Ace-lynn or Ayz-lynn

I would say it more like this : Aze- lynn


----------



## Jozie

thats the irish way to spell it so prob the irish way to say it which is Ash-lyn lol


----------



## Sophist

See this is my dilemma...I know its Irish and the Irish pronunciation is Ash instead of Az/Ace...but I can't see anyone on this side of the pond looking at the spelling and getting that--in American English Ai makes a long A sound.

I like both pronunciations...


----------



## kiwimama

Ashlynn but only because I've seen the name before and know how it's pronounced. If I were to look at it and take a guess I would probably say it Azz-lynn.


----------



## MUMOF5

Agree Ash-lynn. Very pretty. xx


----------



## fairy_gem

I voted ash-lynn, would you consider spelling it Ashlinn/Ashlynn, if you are worried?. I personally love it spelt Aislinn though.

x


----------



## Auntie

Ash-Lynn :)


----------



## Sophist

fairy_gem said:


> I voted ash-lynn, would you consider spelling it Ashlinn/Ashlynn, if you are worried?. I personally love it spelt Aislinn though.
> 
> x

We've talked about it, and I don't think it looks as pretty as Aislinn. DH and I are discussing how to pronounce, I'm leaning more toward the traditional Irish pronunciation, and he's feeling more like if no one can pronounce her name, its just going to be annoying, so we may as well say it how it looks.


----------



## Beanbabe

Aislinn is said Ash-lin or you can spell it Aisling which gives you Ash-ling. I would tend to go for the proper pronunciation cos I heard of a girl in New york who was called "granny". Her name was actually Grainne which should be said graw-na. People will soon get used to her name and if they dont she will soon correct them.
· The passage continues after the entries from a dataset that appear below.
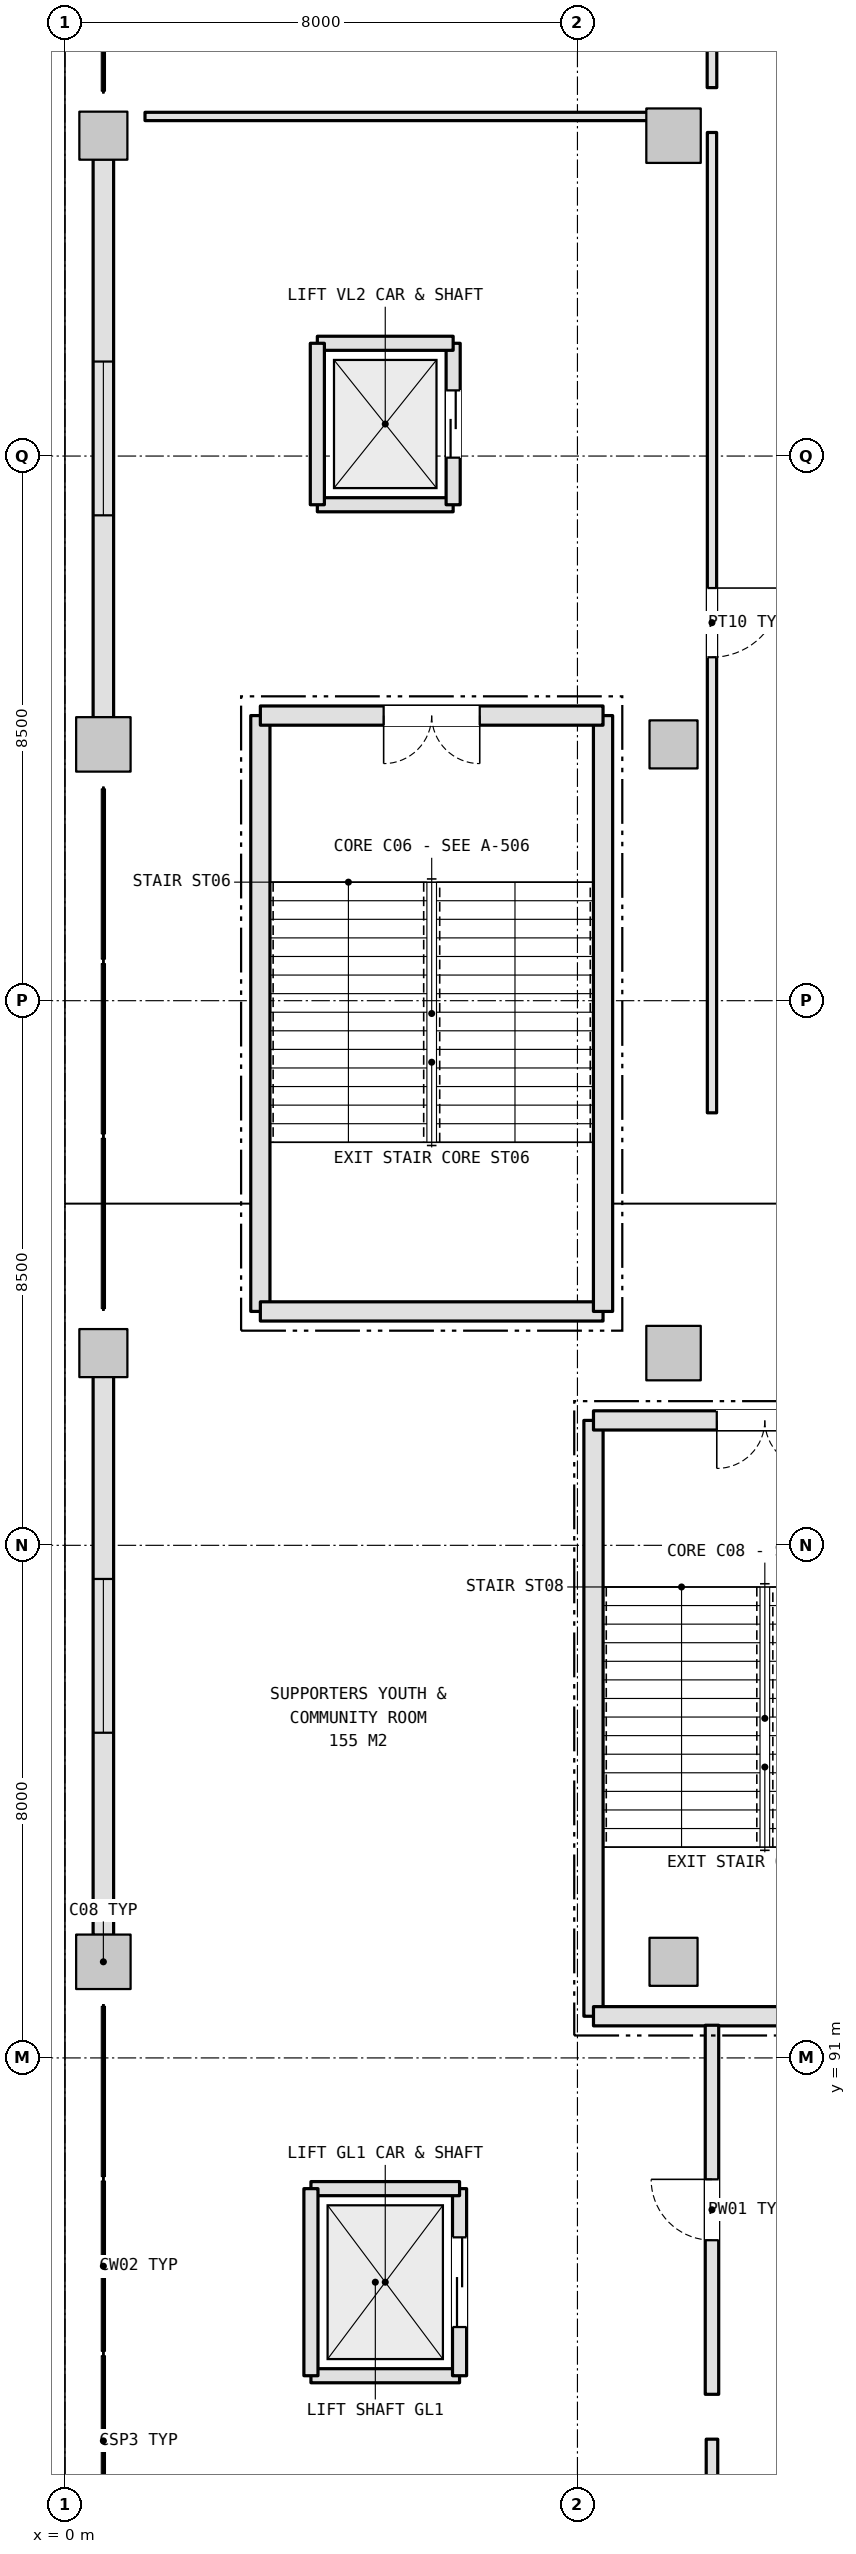
"""IFC4 building model, lengths in metres.
Left out: names, types, materials, properties, quantities, classifications, styles, units other than length and angle.
Written with IfcOpenShell. Run it as: python <this file> out.ifc"""

import sys

from ifc_helpers import new_model, si_unit, direction, frame, frame_2d, origin, origin_2d, place, context, subcontext, project, spatial, rectangle, extrude, element, fill, save


model = new_model("IFC4")
c1 = context("Model", 3, precision=1e-05, world=origin(), true_north=direction((0.0, 1.0)))
c2 = subcontext(c1, "Body", "Model", "MODEL_VIEW")
j1 = project(units=[si_unit("LENGTHUNIT", "METRE"), si_unit("PLANEANGLEUNIT", "RADIAN")], contexts=[c1])
p1 = place(None, origin())
s1 = spatial("IfcSite", under=j1, at=p1, CompositionType="ELEMENT")
p2 = place(p1, origin())
s2 = spatial("IfcBuilding", under=s1, at=p2, CompositionType="ELEMENT")
p3 = place(p2, frame((0.0, 0.0, 5.4)))
s3 = spatial("IfcBuildingStorey", under=s2, at=p3, CompositionType="ELEMENT", Elevation=5.4)
p4 = place(p3, frame((0.6, 92.5, 0.0), z_axis=(0.0, 0.0, 1.0), x_axis=(1.0, 0.0, 0.0)))
e1 = element("IfcColumn", 1, at=p4, inside=s3, PredefinedType="COLUMN", context=c2, shape_type="SweptSolid", body=[
    extrude(rectangle(XDim=0.85, YDim=0.85, at=origin_2d()), origin(), (0.0, 0.0, 1.0), 5.4),
])
p5 = place(p3, frame((0.6, 102.0, 0.0), z_axis=(0.0, 0.0, 1.0), x_axis=(1.0, 0.0, 0.0)))
e2 = element("IfcColumn", 2, at=p5, inside=s3, PredefinedType="COLUMN", context=c2, shape_type="SweptSolid", body=[
    extrude(rectangle(XDim=0.75, YDim=0.75, at=origin_2d()), origin(), (0.0, 0.0, 1.0), 5.4),
])
p6 = place(p3, frame((0.6, 111.5, 0.0), z_axis=(0.0, 0.0, 1.0), x_axis=(1.0, 0.0, 0.0)))
e3 = element("IfcColumn", 3, at=p6, inside=s3, PredefinedType="COLUMN", context=c2, shape_type="SweptSolid", body=[
    extrude(rectangle(XDim=0.85, YDim=0.85, at=origin_2d()), origin(), (0.0, 0.0, 1.0), 5.4),
])
for number, where, z_axis, x_axis in (
    (4, (0.6, 121.0, 0.0), (0.0, 0.0, 1.0), (1.0, 0.0, 0.0)),
    (5, (9.5, 92.5, 0.0), (0.0, 0.0, 1.0), (1.0, 0.0, 0.0)),
):
    element("IfcColumn", number, at=place(p3, frame(where, z_axis=z_axis, x_axis=x_axis)), inside=s3, PredefinedType="COLUMN", context=c2, shape_type="SweptSolid", body=[
        extrude(rectangle(XDim=0.75, YDim=0.75, at=origin_2d()), origin(), (0.0, 0.0, 1.0), 5.4),
    ])
p7 = place(p3, frame((9.5, 102.0, 0.0), z_axis=(0.0, 0.0, 1.0), x_axis=(1.0, 0.0, 0.0)))
e6 = element("IfcColumn", 6, at=p7, inside=s3, PredefinedType="COLUMN", context=c2, shape_type="SweptSolid", body=[
    extrude(rectangle(XDim=0.85, YDim=0.85, at=origin_2d()), origin(), (0.0, 0.0, 1.0), 5.4),
])
p8 = place(p3, frame((9.5, 111.5, 0.0), z_axis=(0.0, 0.0, 1.0), x_axis=(1.0, 0.0, 0.0)))
e7 = element("IfcColumn", 7, at=p8, inside=s3, PredefinedType="COLUMN", context=c2, shape_type="SweptSolid", body=[
    extrude(rectangle(XDim=0.75, YDim=0.75, at=origin_2d()), origin(), (0.0, 0.0, 1.0), 5.4),
])
p9 = place(p3, frame((9.5, 121.0, 0.0), z_axis=(0.0, 0.0, 1.0), x_axis=(1.0, 0.0, 0.0)))
e8 = element("IfcColumn", 8, at=p9, inside=s3, PredefinedType="COLUMN", context=c2, shape_type="SweptSolid", body=[
    extrude(rectangle(XDim=0.85, YDim=0.85, at=origin_2d()), origin(), (0.0, 0.0, 1.0), 5.4),
])
p10 = place(p3, frame((0.6, 92.913, 0.0), z_axis=(0.0, 0.0, 1.0), x_axis=(0.0, 1.0, 0.0)))
e9 = element("IfcWall", 9, at=p10, inside=s3, PredefinedType="SOLIDWALL", context=c2, shape_type="SweptSolid", body=[
    extrude(rectangle(XDim=8.724, YDim=0.32, at=frame_2d((4.362, 0.0))), origin(), (0.0, 0.0, 1.0), 4.475),
])
p11 = place(p10, frame((3.162, 0.0, 1.05)))
e10 = element("IfcOpeningElement", 10, at=p11, cuts=e9, PredefinedType="OPENING", context=c2, shape_type="SweptSolid", body=[
    extrude(rectangle(XDim=2.4, YDim=2.1, at=frame_2d((1.2, 1.05))), frame((0.0, 0.17, 0.0), z_axis=(0.0, -1.0, 0.0), x_axis=(1.0, 0.0, 0.0)), (0.0, 0.0, 1.0), 0.34),
])
p12 = place(p3, frame((0.6, 111.913, 0.0), z_axis=(0.0, 0.0, 1.0), x_axis=(0.0, 1.0, 0.0)))
e11 = element("IfcWall", 11, at=p12, inside=s3, PredefinedType="SOLIDWALL", context=c2, shape_type="SweptSolid", body=[
    extrude(rectangle(XDim=8.724, YDim=0.32, at=frame_2d((4.362, 0.0))), origin(), (0.0, 0.0, 1.0), 4.475),
])
p13 = place(p12, frame((3.162, 0.0, 1.05)))
e12 = element("IfcOpeningElement", 12, at=p13, cuts=e11, PredefinedType="OPENING", context=c2, shape_type="SweptSolid", body=[
    extrude(rectangle(XDim=2.4, YDim=2.1, at=frame_2d((1.2, 1.05))), frame((0.0, 0.17, 0.0), z_axis=(0.0, -1.0, 0.0), x_axis=(1.0, 0.0, 0.0)), (0.0, 0.0, 1.0), 0.34),
])
p14 = place(p3, frame((3.05, 111.95, 0.0), z_axis=(0.0, 0.0, 1.0), x_axis=(0.0, -1.0, 0.0)))
e13 = element("IfcWall", 13, at=p14, inside=s3, PredefinedType="SHEAR", context=c2, shape_type="SweptSolid", body=[
    extrude(rectangle(XDim=9.299, YDim=0.3, at=frame_2d((4.65, 0.0))), origin(), (0.0, 0.0, 1.0), 5.14),
])
p15 = place(p3, frame((3.05, 102.65, 0.0), z_axis=(0.0, 0.0, 1.0), x_axis=(1.0, 0.0, 0.0)))
e14 = element("IfcWall", 14, at=p15, inside=s3, PredefinedType="SHEAR", context=c2, shape_type="SweptSolid", body=[
    extrude(rectangle(XDim=5.349, YDim=0.3, at=frame_2d((2.675, 0.0))), origin(), (0.0, 0.0, 1.0), 5.14),
])
p16 = place(p3, frame((8.4, 102.65, 0.0), z_axis=(0.0, 0.0, 1.0), x_axis=(0.0, 1.0, 0.0)))
e15 = element("IfcWall", 15, at=p16, inside=s3, PredefinedType="SHEAR", context=c2, shape_type="SweptSolid", body=[
    extrude(rectangle(XDim=9.299, YDim=0.3, at=frame_2d((4.65, 0.0))), origin(), (0.0, 0.0, 1.0), 5.14),
])
p17 = place(p3, frame((8.4, 111.95, 0.0), z_axis=(0.0, 0.0, 1.0), x_axis=(-1.0, 0.0, 0.0)))
e16 = element("IfcWall", 16, at=p17, inside=s3, PredefinedType="SHEAR", context=c2, shape_type="SweptSolid", body=[
    extrude(rectangle(XDim=5.349, YDim=0.3, at=frame_2d((2.675, 0.0))), origin(), (0.0, 0.0, 1.0), 5.14),
])
p18 = place(p17, frame((1.925, 0.0, 0.0)))
e17 = element("IfcOpeningElement", 17, at=p18, cuts=e16, PredefinedType="OPENING", context=c2, shape_type="SweptSolid", body=[
    extrude(rectangle(XDim=1.5, YDim=2.2, at=frame_2d((0.75, 1.1))), frame((0.0, 0.16, 0.0), z_axis=(0.0, -1.0, 0.0), x_axis=(1.0, 0.0, 0.0)), (0.0, 0.0, 1.0), 0.32),
])
p19 = place(p3, frame((8.25, 100.95, 0.0), z_axis=(0.0, 0.0, 1.0), x_axis=(0.0, -1.0, 0.0)))
e18 = element("IfcWall", 18, at=p19, inside=s3, PredefinedType="SHEAR", context=c2, shape_type="SweptSolid", body=[
    extrude(rectangle(XDim=9.299, YDim=0.3, at=frame_2d((4.65, 0.0))), origin(), (0.0, 0.0, 1.0), 5.14),
])
p20 = place(p3, frame((8.25, 91.65, 0.0), z_axis=(0.0, 0.0, 1.0), x_axis=(1.0, 0.0, 0.0)))
e19 = element("IfcWall", 19, at=p20, inside=s3, PredefinedType="SHEAR", context=c2, shape_type="SweptSolid", body=[
    extrude(rectangle(XDim=5.349, YDim=0.3, at=frame_2d((2.675, 0.0))), origin(), (0.0, 0.0, 1.0), 5.14),
])
p21 = place(p3, frame((13.6, 100.95, 0.0), z_axis=(0.0, 0.0, 1.0), x_axis=(-1.0, 0.0, 0.0)))
e20 = element("IfcWall", 20, at=p21, inside=s3, PredefinedType="SHEAR", context=c2, shape_type="SweptSolid", body=[
    extrude(rectangle(XDim=5.349, YDim=0.3, at=frame_2d((2.675, 0.0))), origin(), (0.0, 0.0, 1.0), 5.14),
])
p22 = place(p21, frame((1.925, 0.0, 0.0)))
e21 = element("IfcOpeningElement", 21, at=p22, cuts=e20, PredefinedType="OPENING", context=c2, shape_type="SweptSolid", body=[
    extrude(rectangle(XDim=1.5, YDim=2.2, at=frame_2d((0.75, 1.1))), frame((0.0, 0.16, 0.0), z_axis=(0.0, -1.0, 0.0), x_axis=(1.0, 0.0, 0.0)), (0.0, 0.0, 1.0), 0.32),
])
p23 = place(p3, frame((3.94, 115.24, 0.0), z_axis=(0.0, 0.0, 1.0), x_axis=(1.0, 0.0, 0.0)))
e22 = element("IfcWall", 22, at=p23, inside=s3, PredefinedType="SHEAR", context=c2, shape_type="SweptSolid", body=[
    extrude(rectangle(XDim=2.12, YDim=0.22, at=frame_2d((1.06, 0.0))), origin(), (0.0, 0.0, 1.0), 5.14),
])
p24 = place(p3, frame((6.06, 115.24, 0.0), z_axis=(0.0, 0.0, 1.0), x_axis=(0.0, 1.0, 0.0)))
e23 = element("IfcWall", 23, at=p24, inside=s3, PredefinedType="SHEAR", context=c2, shape_type="SweptSolid", body=[
    extrude(rectangle(XDim=2.52, YDim=0.22, at=frame_2d((1.26, 0.0))), origin(), (0.0, 0.0, 1.0), 5.14),
])
p25 = place(p24, frame((0.735, 0.0, 0.0)))
e24 = element("IfcOpeningElement", 24, at=p25, cuts=e23, PredefinedType="OPENING", context=c2, shape_type="SweptSolid", body=[
    extrude(rectangle(XDim=1.05, YDim=2.15, at=frame_2d((0.525, 1.075))), frame((0.0, 0.12, 0.0), z_axis=(0.0, -1.0, 0.0), x_axis=(1.0, 0.0, 0.0)), (0.0, 0.0, 1.0), 0.24),
])
p26 = place(p3, frame((6.06, 117.76, 0.0), z_axis=(0.0, 0.0, 1.0), x_axis=(-1.0, 0.0, 0.0)))
e25 = element("IfcWall", 25, at=p26, inside=s3, PredefinedType="SHEAR", context=c2, shape_type="SweptSolid", body=[
    extrude(rectangle(XDim=2.12, YDim=0.22, at=frame_2d((1.06, 0.0))), origin(), (0.0, 0.0, 1.0), 5.14),
])
p27 = place(p3, frame((3.94, 117.76, 0.0), z_axis=(0.0, 0.0, 1.0), x_axis=(0.0, -1.0, 0.0)))
e26 = element("IfcWall", 26, at=p27, inside=s3, PredefinedType="SHEAR", context=c2, shape_type="SweptSolid", body=[
    extrude(rectangle(XDim=2.52, YDim=0.22, at=frame_2d((1.26, 0.0))), origin(), (0.0, 0.0, 1.0), 5.14),
])
p28 = place(p3, frame((3.84, 86.04, 0.0), z_axis=(0.0, 0.0, 1.0), x_axis=(1.0, 0.0, 0.0)))
e27 = element("IfcWall", 27, at=p28, inside=s3, PredefinedType="SHEAR", context=c2, shape_type="SweptSolid", body=[
    extrude(rectangle(XDim=2.32, YDim=0.22, at=frame_2d((1.16, 0.0))), origin(), (0.0, 0.0, 1.0), 5.14),
])
p29 = place(p3, frame((6.16, 86.04, 0.0), z_axis=(0.0, 0.0, 1.0), x_axis=(0.0, 1.0, 0.0)))
e28 = element("IfcWall", 28, at=p29, inside=s3, PredefinedType="SHEAR", context=c2, shape_type="SweptSolid", body=[
    extrude(rectangle(XDim=2.92, YDim=0.22, at=frame_2d((1.46, 0.0))), origin(), (0.0, 0.0, 1.0), 5.14),
])
p30 = place(p29, frame((0.76, 0.0, 0.0)))
e29 = element("IfcOpeningElement", 29, at=p30, cuts=e28, PredefinedType="OPENING", context=c2, shape_type="SweptSolid", body=[
    extrude(rectangle(XDim=1.4, YDim=2.3, at=frame_2d((0.7, 1.15))), frame((0.0, 0.12, 0.0), z_axis=(0.0, -1.0, 0.0), x_axis=(1.0, 0.0, 0.0)), (0.0, 0.0, 1.0), 0.24),
])
p31 = place(p3, frame((6.16, 88.96, 0.0), z_axis=(0.0, 0.0, 1.0), x_axis=(-1.0, 0.0, 0.0)))
e30 = element("IfcWall", 30, at=p31, inside=s3, PredefinedType="SHEAR", context=c2, shape_type="SweptSolid", body=[
    extrude(rectangle(XDim=2.32, YDim=0.22, at=frame_2d((1.16, 0.0))), origin(), (0.0, 0.0, 1.0), 5.14),
])
p32 = place(p3, frame((3.84, 88.96, 0.0), z_axis=(0.0, 0.0, 1.0), x_axis=(0.0, -1.0, 0.0)))
e31 = element("IfcWall", 31, at=p32, inside=s3, PredefinedType="SHEAR", context=c2, shape_type="SweptSolid", body=[
    extrude(rectangle(XDim=2.92, YDim=0.22, at=frame_2d((1.46, 0.0))), origin(), (0.0, 0.0, 1.0), 5.14),
])
p33 = place(p3, frame((10.1, 85.05, 0.0), z_axis=(0.0, 0.0, 1.0), x_axis=(0.0, -1.0, 0.0)))
e32 = element("IfcWall", 32, at=p33, inside=s3, PredefinedType="PARTITIONING", context=c2, shape_type="SweptSolid", body=[
    extrude(rectangle(XDim=15.3, YDim=0.18, at=frame_2d((7.65, 0.0))), origin(), (0.0, 0.0, 1.0), 4.668),
])
p34 = place(p33, frame((7.17, 0.0, 0.0)))
e33 = element("IfcOpeningElement", 33, at=p34, cuts=e32, PredefinedType="OPENING", context=c2, shape_type="SweptSolid", body=[
    extrude(rectangle(XDim=0.96, YDim=2.15, at=frame_2d((0.48, 1.075))), frame((0.0, 0.1, 0.0), z_axis=(0.0, -1.0, 0.0), x_axis=(1.0, 0.0, 0.0)), (0.0, 0.0, 1.0), 0.2),
])
p35 = place(p3, frame((10.1, 91.51, 0.0), z_axis=(0.0, 0.0, 1.0), x_axis=(0.0, -1.0, 0.0)))
e34 = element("IfcWall", 34, at=p35, inside=s3, PredefinedType="PLUMBINGWALL", context=c2, shape_type="SweptSolid", body=[
    extrude(rectangle(XDim=5.76, YDim=0.21, at=frame_2d((2.88, 0.0))), origin(), (0.0, 0.0, 1.0), 5.12),
])
p36 = place(p35, frame((2.405, 0.0, 0.0)))
e35 = element("IfcOpeningElement", 35, at=p36, cuts=e34, PredefinedType="OPENING", context=c2, shape_type="SweptSolid", body=[
    extrude(rectangle(XDim=0.95, YDim=2.15, at=frame_2d((0.475, 1.075))), frame((0.0, 0.115, 0.0), z_axis=(0.0, -1.0, 0.0), x_axis=(1.0, 0.0, 0.0)), (0.0, 0.0, 1.0), 0.23),
])
p37 = place(p3, frame((10.1, 121.05, 0.0), z_axis=(0.0, 0.0, 1.0), x_axis=(0.0, -1.0, 0.0)))
e36 = element("IfcWall", 36, at=p37, inside=s3, PredefinedType="PARTITIONING", context=c2, shape_type="SweptSolid", body=[
    extrude(rectangle(XDim=15.3, YDim=0.145, at=frame_2d((7.65, 0.0))), origin(), (0.0, 0.0, 1.0), 4.668),
])
p38 = place(p37, frame((7.11, 0.0, 0.0)))
e37 = element("IfcOpeningElement", 37, at=p38, cuts=e36, PredefinedType="OPENING", context=c2, shape_type="SweptSolid", body=[
    extrude(rectangle(XDim=1.08, YDim=2.25, at=frame_2d((0.54, 1.125))), frame((0.0, 0.083, 0.0), z_axis=(0.0, -1.0, 0.0), x_axis=(1.0, 0.0, 0.0)), (0.0, 0.0, 1.0), 0.165),
])
p39 = place(p3, frame((1.25, 121.3, 0.0), z_axis=(0.0, 0.0, 1.0), x_axis=(1.0, 0.0, 0.0)))
e38 = element("IfcWall", 38, at=p39, inside=s3, PredefinedType="PARTITIONING", context=c2, shape_type="SweptSolid", body=[
    extrude(rectangle(XDim=8.4, YDim=0.13, at=frame_2d((4.2, 0.0))), origin(), (0.0, 0.0, 1.0), 4.475),
])
p40 = place(p3, frame((10.1, 130.05, 0.0), z_axis=(0.0, 0.0, 1.0), x_axis=(0.0, -1.0, 0.0)))
e39 = element("IfcWall", 39, at=p40, inside=s3, PredefinedType="PARTITIONING", context=c2, shape_type="SweptSolid", body=[
    extrude(rectangle(XDim=8.3, YDim=0.15, at=frame_2d((4.15, 0.0))), origin(), (0.0, 0.0, 1.0), 4.668),
])
p41 = place(p40, frame((2.175, 0.0, 0.0)))
e40 = element("IfcOpeningElement", 40, at=p41, cuts=e39, PredefinedType="OPENING", context=c2, shape_type="SweptSolid", body=[
    extrude(rectangle(XDim=1.55, YDim=2.15, at=frame_2d((0.775, 1.075))), frame((0.0, 0.085, 0.0), z_axis=(0.0, -1.0, 0.0), x_axis=(1.0, 0.0, 0.0)), (0.0, 0.0, 1.0), 0.17),
])
p42 = place(p11, origin())
e41 = element("IfcWindow", 41, at=p42, inside=s3, PartitioningType="SINGLE_PANEL", PredefinedType="WINDOW", context=c2, shape_type="SweptSolid", body=[
    extrude(rectangle(XDim=2.4, YDim=2.1, at=frame_2d((1.2, 1.05))), frame((0.0, 0.03, 0.0), z_axis=(0.0, -1.0, 0.0), x_axis=(1.0, 0.0, 0.0)), (0.0, 0.0, 1.0), 0.06),
])
fill(e10, e41)
p43 = place(p13, origin())
e42 = element("IfcWindow", 42, at=p43, inside=s3, PartitioningType="SINGLE_PANEL", PredefinedType="WINDOW", context=c2, shape_type="SweptSolid", body=[
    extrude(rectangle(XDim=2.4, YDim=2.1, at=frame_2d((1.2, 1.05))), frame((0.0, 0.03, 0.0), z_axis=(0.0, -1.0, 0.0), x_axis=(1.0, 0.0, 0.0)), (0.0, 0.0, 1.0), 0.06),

Its a lovely name and I think the Aislinn spelling is the nicest although here in Ireland people would tend to put the g on the end even tho its not there.


----------



## Mrs-C

This is my cousins name. It's pronounced Ash-linn. She spells it Aislinn. We're in England and I don't know of any problems she has had with her name. Might be different in the US, but many names are said differently between the US and the UK.


----------



## Sophist

I just looked it up on the social security website, and it hasn't been in the top 1000 names. I doubt many people are familiar with it at all, which is why I think they would say it the way it looks. (My DH's aunt has a grand daughter named Aislinn and everyone does call her "Ace-linn" but I don't know her parents to know what they call her or think about the pronunciation.)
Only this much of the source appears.